Bangladesh Madrasah Education Board () or Alia Madrasah Education Board started its activity independently in 1979. With the passage of time in Bangladeshi madrasah education several amendments have come to pass. In 1978 humanities and science faculties were included at the Alim () level. In 1980 Fazil () degrees were granted the same standard of education as Higher Secondary School Certificate (HSC) degrees but this was changed in later years with Dakhil () level having the equivalency of Secondary School Certificate (SSC) since 1985, and Alim being considered as the HSC equivalent since 1987.

Humanities, science, business and technical education has been included with madrasah education. Meanwhile, a law has been passed for Fazil and Kamil () levels to be considered equivalent with bachelor's and master's degrees in general education.

Background
Alia Madrasah was established in Calcutta in 1780 by the East India Company through Headteacher Majduddin and this later formed the Madrasah Education Board of Bengal. Madrasah education was then started formally. Late A. K. Fazlul Huq the prime minister declared in a prize giving ceremony is Kolkata Alia Madrasah in 1939, "I want the spread of Madrasah Education should be modernized and an Islamic Arabic University should be established".

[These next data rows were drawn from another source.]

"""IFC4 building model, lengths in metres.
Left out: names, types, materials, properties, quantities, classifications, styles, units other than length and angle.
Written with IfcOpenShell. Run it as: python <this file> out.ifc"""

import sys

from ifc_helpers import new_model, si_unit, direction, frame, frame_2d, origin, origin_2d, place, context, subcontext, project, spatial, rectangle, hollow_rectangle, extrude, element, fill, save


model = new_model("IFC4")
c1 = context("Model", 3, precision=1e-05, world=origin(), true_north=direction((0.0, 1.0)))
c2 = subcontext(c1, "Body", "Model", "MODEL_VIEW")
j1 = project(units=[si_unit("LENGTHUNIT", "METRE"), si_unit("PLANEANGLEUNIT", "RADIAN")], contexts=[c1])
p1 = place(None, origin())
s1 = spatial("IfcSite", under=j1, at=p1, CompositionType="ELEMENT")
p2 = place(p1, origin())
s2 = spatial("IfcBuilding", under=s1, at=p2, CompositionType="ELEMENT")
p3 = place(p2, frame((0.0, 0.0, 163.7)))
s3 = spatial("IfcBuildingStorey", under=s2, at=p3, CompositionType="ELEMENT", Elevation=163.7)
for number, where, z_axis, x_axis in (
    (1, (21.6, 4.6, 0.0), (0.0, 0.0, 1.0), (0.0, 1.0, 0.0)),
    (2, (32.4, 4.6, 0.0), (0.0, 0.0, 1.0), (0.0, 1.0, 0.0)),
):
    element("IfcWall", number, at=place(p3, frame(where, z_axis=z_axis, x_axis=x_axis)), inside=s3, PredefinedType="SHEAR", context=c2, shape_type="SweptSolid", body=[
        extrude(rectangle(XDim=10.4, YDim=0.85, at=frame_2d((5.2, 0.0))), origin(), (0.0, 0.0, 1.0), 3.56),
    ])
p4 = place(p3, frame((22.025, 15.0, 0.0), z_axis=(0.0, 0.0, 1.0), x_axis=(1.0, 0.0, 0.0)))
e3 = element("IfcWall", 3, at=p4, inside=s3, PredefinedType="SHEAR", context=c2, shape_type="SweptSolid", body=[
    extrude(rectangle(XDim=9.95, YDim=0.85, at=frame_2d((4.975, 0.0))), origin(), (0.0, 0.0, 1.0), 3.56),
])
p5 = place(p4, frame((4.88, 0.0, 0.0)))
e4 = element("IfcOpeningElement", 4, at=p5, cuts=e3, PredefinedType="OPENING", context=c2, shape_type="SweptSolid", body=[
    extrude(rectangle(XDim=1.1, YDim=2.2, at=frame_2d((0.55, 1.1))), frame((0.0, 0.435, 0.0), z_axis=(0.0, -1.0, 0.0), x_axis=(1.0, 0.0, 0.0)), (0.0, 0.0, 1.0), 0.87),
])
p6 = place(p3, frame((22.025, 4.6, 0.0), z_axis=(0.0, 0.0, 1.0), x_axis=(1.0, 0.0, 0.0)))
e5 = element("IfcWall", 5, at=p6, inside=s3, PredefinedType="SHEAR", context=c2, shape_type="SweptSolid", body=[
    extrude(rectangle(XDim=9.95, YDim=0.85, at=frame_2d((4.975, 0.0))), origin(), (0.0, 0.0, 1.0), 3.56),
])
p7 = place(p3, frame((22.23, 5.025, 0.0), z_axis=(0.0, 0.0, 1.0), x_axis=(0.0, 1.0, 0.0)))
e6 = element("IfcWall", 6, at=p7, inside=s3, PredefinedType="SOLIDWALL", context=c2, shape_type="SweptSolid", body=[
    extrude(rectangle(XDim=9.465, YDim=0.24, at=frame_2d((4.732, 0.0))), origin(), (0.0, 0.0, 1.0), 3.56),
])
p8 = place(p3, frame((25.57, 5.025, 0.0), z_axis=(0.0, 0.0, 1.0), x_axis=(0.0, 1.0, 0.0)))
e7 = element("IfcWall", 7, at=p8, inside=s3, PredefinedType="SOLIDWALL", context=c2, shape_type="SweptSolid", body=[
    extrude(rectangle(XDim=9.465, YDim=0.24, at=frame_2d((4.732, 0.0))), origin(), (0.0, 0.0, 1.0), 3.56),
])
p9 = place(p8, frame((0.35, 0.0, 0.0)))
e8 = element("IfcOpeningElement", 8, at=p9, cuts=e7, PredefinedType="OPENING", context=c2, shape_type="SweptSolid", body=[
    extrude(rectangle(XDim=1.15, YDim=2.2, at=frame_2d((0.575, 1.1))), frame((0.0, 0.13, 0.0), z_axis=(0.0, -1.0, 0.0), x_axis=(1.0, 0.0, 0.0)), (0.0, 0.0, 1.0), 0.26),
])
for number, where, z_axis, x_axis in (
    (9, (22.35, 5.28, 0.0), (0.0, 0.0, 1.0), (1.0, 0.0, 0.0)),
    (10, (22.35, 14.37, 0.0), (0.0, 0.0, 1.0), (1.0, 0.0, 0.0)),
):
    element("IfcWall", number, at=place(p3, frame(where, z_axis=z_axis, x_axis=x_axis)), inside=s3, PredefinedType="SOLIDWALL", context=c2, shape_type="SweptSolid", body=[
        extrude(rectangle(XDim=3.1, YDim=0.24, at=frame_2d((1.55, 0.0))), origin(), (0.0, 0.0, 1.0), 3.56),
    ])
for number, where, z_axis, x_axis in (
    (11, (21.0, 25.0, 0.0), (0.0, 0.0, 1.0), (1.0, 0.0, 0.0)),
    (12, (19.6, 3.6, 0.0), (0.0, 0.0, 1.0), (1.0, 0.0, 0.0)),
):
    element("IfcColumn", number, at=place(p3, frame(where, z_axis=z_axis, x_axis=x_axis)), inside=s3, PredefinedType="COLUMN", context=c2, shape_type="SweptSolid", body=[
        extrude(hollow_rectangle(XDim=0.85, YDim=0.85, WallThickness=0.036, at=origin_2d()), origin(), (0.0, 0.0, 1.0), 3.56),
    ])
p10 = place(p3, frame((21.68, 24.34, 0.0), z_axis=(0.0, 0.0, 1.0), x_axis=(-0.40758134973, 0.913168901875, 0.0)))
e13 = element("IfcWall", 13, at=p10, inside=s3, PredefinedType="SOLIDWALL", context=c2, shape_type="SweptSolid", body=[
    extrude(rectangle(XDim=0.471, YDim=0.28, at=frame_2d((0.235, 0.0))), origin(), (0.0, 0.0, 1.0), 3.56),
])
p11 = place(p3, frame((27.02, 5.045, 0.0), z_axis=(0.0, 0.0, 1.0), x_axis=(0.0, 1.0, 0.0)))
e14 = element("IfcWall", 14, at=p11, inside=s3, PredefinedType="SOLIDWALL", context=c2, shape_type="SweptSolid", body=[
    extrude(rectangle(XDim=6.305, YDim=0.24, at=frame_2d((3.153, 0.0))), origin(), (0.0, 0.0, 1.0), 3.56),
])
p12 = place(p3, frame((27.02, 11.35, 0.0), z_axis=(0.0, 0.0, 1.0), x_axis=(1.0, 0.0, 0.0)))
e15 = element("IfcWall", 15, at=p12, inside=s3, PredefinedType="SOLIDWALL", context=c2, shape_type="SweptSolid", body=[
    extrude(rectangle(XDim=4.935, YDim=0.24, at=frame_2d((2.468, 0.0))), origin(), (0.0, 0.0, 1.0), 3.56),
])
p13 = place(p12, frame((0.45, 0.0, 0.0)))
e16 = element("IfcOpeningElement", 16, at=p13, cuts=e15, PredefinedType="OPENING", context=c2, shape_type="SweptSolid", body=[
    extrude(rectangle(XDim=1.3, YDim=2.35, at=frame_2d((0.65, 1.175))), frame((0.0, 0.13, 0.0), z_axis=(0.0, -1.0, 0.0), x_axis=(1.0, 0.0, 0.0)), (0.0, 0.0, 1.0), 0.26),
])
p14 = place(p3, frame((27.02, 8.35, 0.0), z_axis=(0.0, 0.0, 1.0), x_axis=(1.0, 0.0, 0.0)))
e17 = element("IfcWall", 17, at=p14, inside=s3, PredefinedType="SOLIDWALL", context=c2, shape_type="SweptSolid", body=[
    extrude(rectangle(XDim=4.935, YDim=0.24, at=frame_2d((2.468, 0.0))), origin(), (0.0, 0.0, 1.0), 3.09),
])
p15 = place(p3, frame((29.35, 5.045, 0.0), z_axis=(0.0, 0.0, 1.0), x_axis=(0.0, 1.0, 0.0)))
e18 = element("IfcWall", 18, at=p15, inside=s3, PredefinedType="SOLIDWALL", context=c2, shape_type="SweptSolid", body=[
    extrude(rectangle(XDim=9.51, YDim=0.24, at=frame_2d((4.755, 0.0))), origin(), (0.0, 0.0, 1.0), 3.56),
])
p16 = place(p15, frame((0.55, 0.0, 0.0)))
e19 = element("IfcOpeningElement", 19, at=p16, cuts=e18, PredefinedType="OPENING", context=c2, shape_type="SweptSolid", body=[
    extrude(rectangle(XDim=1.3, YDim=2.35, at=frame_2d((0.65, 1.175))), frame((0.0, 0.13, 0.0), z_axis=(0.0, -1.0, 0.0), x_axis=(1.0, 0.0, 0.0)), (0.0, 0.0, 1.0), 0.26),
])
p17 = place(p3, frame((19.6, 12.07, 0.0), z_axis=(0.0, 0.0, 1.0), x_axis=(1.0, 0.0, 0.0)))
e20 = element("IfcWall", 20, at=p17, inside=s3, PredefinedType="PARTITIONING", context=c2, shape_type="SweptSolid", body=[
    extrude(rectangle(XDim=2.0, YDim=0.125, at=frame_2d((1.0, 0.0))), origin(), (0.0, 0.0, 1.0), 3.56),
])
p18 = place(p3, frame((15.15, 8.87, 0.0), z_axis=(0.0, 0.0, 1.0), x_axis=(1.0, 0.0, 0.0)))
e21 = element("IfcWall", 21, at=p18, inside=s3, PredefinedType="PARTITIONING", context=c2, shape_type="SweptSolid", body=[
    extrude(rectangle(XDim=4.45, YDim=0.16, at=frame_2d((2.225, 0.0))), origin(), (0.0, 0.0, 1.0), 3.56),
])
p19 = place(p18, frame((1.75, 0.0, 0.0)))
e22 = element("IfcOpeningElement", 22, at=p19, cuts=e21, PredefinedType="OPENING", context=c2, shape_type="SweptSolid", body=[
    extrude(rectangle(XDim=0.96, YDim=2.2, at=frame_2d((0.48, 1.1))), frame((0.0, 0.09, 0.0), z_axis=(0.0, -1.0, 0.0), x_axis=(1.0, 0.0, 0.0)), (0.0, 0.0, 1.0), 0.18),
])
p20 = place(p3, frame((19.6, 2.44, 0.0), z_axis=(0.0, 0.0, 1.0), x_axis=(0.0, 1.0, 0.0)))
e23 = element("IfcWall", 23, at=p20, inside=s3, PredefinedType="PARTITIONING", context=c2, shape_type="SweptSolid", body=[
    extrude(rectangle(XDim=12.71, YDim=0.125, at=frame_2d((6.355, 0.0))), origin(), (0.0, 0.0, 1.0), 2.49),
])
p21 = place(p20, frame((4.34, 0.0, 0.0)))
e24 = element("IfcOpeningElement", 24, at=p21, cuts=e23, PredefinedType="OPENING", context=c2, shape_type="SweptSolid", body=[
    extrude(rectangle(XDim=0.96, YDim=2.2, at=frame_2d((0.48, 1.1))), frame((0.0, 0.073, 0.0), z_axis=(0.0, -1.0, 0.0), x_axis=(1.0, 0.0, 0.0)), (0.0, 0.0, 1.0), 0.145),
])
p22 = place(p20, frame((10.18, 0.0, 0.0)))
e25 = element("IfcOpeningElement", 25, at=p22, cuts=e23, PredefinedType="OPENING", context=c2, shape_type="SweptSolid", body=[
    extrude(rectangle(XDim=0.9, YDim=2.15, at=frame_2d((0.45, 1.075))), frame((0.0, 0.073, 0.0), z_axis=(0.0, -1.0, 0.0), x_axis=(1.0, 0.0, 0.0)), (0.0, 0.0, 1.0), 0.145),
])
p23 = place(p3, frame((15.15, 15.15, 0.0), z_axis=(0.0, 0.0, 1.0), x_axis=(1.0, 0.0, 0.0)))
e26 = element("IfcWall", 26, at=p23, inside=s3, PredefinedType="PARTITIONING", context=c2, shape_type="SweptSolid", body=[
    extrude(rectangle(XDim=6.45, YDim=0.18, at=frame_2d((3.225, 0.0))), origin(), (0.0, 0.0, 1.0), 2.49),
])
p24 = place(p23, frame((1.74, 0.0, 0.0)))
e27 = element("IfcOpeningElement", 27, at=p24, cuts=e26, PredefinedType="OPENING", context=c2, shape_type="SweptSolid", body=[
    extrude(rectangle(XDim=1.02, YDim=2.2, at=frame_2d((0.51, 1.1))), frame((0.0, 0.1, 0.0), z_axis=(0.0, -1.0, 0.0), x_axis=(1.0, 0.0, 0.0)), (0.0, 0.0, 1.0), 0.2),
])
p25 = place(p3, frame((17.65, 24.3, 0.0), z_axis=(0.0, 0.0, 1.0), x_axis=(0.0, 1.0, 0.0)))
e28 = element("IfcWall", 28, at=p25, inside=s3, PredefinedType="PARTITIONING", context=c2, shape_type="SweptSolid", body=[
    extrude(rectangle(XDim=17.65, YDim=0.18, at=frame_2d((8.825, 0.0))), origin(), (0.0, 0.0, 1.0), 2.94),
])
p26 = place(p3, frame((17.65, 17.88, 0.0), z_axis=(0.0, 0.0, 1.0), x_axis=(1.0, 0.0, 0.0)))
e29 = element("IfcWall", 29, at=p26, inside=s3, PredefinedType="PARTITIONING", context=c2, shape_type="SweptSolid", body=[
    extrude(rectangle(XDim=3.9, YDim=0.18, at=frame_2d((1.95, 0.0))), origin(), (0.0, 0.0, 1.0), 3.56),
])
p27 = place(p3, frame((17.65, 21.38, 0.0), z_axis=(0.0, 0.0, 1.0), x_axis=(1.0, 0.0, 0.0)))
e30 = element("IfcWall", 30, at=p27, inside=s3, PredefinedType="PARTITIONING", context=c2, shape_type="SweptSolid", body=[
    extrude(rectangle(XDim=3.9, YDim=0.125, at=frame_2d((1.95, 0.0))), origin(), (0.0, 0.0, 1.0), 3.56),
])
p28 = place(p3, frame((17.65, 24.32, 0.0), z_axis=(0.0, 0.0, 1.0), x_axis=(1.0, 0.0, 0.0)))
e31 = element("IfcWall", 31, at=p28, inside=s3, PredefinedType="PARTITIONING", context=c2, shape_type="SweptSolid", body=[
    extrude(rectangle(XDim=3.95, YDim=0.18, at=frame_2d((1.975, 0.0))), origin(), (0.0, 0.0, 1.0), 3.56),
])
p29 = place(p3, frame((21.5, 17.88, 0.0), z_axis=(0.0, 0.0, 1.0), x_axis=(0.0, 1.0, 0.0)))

To materialize this declaration of share-E-Bangla a committee named Moula Box was formed. This committee advises on the development of madrasah education. In 1947 after the independence of Pakistan many commissions were formed for the development of madrasah education. Among them in 1949 the "West Bengal Educational System Reconstruction Committee" was formed and in 1963-64 the name of Arabic University was mentioned.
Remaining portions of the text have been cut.